The plaintiff intended that the payee, one Johnson, should use the check, either get it cashed or indorse it over, and, of course, if the automobile for which the check was given was stolen, a 'crime was committed in getting the check, but that crime was getting money under false pretenses, and from that it follows that when the check was subsequently indorsed, and negotiated, and paid through the clearing house, that that did not necessarily involve a forgery.

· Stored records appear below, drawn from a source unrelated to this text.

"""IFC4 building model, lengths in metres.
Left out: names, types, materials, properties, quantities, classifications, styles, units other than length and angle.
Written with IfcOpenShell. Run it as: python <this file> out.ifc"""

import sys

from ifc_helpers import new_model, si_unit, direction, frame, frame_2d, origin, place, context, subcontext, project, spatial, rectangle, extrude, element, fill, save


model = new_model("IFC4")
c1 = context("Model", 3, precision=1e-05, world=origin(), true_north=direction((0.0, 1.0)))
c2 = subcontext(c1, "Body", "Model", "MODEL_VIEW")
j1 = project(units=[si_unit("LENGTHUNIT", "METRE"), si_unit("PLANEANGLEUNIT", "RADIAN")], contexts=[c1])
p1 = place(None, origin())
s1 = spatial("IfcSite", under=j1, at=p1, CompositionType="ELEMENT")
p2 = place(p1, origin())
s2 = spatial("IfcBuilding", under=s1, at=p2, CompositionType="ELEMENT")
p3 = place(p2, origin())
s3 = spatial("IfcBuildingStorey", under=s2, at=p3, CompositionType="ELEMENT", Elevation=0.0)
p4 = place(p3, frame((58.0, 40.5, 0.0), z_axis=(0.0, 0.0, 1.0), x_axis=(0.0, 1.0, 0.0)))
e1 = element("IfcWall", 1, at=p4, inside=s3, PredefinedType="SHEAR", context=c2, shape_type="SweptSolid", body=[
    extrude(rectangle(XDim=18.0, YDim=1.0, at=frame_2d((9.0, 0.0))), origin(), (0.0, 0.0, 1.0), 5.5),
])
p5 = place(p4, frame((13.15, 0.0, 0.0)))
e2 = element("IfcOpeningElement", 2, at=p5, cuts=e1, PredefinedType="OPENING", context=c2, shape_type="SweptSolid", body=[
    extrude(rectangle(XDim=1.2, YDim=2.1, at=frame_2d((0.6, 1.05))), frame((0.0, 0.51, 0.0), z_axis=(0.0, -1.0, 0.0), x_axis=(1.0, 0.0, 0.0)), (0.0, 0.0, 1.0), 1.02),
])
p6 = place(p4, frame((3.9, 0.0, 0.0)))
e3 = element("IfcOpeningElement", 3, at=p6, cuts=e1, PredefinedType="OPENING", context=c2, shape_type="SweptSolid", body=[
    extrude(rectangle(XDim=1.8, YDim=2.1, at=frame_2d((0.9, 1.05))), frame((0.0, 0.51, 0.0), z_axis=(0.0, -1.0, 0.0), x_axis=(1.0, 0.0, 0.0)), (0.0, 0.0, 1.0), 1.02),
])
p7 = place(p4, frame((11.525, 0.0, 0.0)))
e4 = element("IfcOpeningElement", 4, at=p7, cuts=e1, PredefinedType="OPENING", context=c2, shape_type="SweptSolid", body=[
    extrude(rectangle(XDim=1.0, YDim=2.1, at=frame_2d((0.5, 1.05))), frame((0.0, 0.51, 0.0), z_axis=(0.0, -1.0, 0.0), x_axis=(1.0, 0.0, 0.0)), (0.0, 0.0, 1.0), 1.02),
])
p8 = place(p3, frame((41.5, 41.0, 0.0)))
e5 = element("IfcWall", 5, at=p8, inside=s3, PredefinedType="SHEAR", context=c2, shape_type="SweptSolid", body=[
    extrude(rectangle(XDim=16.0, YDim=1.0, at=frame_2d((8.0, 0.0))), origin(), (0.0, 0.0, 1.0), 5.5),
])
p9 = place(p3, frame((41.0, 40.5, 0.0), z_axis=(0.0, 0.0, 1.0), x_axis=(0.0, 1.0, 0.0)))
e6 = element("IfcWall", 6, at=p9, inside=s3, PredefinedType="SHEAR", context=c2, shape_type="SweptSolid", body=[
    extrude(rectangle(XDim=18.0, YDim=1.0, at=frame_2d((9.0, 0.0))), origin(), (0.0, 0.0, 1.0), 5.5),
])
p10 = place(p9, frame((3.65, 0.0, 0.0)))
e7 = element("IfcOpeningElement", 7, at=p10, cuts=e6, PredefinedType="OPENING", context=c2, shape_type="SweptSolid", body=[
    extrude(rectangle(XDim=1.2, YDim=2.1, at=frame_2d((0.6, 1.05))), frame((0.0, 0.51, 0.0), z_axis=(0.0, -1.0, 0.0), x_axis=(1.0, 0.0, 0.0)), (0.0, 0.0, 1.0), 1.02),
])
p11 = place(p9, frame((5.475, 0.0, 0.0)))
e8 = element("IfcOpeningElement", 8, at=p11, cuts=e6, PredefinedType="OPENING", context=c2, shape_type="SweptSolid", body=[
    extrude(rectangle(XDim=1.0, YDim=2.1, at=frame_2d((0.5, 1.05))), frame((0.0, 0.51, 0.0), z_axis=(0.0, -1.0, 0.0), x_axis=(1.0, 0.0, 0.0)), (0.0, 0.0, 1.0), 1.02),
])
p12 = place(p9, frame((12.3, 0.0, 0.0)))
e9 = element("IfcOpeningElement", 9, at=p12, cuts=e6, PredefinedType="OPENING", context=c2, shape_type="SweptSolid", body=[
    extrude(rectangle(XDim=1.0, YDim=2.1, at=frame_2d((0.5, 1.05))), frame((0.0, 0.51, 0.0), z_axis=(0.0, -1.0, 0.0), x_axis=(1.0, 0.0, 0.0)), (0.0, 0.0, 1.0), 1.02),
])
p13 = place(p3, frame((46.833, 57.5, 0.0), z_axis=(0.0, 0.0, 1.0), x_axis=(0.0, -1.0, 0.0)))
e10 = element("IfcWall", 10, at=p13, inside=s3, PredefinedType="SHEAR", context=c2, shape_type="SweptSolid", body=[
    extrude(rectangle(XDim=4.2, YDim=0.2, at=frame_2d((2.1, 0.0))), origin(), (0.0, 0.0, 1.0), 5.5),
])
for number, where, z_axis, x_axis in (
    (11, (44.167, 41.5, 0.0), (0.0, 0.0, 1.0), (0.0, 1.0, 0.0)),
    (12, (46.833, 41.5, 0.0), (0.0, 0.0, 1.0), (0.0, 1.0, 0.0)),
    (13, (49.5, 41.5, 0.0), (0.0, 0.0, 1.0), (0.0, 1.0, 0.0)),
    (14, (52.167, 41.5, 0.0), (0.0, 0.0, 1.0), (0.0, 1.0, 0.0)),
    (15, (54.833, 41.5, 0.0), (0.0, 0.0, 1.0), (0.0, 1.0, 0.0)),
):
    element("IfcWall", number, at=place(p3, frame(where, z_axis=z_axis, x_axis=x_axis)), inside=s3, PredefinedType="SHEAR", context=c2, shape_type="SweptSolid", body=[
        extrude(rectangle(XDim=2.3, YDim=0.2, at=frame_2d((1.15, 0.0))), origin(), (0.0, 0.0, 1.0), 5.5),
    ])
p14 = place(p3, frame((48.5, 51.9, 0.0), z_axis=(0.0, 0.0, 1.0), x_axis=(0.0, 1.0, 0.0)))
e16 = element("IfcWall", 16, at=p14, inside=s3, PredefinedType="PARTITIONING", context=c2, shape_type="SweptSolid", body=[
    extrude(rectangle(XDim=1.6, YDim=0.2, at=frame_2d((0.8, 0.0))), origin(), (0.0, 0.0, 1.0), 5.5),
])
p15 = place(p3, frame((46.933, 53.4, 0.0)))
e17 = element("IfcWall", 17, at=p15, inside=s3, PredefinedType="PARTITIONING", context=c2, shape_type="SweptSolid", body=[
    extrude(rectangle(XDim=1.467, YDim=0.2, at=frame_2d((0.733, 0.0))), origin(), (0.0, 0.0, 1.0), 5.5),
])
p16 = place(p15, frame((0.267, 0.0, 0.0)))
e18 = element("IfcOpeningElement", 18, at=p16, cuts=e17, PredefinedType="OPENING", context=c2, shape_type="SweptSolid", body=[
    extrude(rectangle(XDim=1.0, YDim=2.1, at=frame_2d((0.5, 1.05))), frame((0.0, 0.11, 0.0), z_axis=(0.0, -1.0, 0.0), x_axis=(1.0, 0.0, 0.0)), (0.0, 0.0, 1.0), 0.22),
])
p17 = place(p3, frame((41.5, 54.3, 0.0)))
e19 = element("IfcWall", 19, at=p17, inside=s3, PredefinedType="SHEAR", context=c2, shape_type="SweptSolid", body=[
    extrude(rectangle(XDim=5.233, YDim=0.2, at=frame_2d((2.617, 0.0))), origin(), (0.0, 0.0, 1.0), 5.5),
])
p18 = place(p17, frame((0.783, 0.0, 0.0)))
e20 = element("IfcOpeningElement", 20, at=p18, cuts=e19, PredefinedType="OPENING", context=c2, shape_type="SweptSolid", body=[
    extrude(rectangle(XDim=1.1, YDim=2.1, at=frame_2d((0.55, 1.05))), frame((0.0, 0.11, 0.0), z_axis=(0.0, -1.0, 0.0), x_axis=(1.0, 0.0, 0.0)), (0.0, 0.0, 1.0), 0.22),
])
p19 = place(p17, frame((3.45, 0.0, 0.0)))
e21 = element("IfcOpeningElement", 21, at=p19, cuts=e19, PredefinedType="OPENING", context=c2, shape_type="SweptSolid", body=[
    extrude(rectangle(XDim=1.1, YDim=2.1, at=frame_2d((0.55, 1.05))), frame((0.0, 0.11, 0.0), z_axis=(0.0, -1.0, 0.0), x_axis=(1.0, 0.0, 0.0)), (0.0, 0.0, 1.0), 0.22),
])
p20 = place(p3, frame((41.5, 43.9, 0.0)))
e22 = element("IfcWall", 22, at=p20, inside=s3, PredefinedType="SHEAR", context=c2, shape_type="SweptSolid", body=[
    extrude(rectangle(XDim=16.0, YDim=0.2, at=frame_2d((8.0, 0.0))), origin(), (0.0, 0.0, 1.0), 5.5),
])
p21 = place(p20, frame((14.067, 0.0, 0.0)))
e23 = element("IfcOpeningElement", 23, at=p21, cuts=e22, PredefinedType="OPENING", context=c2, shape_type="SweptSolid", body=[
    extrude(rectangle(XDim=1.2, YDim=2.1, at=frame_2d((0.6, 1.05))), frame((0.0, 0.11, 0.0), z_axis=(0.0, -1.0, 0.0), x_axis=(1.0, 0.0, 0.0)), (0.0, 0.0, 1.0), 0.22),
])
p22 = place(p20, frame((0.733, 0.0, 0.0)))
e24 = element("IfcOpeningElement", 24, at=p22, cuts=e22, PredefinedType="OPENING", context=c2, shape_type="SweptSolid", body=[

Further, there is no evidence whatever that the indorsement of the name of the payee was not made by A. Johnson, and from that it follows that the plaintiff did not make out a prima facie case of lack of care on the part of the defendant. The plaintiff urges that that the burden of introdncing evidence to show that the defendant exercised appropriate care fell upon the defendant and that as the defendant offered no evidence judgment should have been entered in favor of the plaintiff. That contention is unsound. The plaintiff was bound first to make out a prima facie case. He failed to do so and it then became the duty of the trial judge to enter judgment for the defendant.

We are of the opinion that the evidence and admissions of the pleading (and the latter we are not legally bound to consider inasmuch as the rules of the municipal court are not contained in the bill of exceptions) entirely fail to prove .that the defendant either paid the cheek on a forged indorsement or was guilty of any negligence or other dereliction.

Finding no error in the record the judgment is affirmed.

Affirmed.

O’Connor, J. and Thomson, J., concur.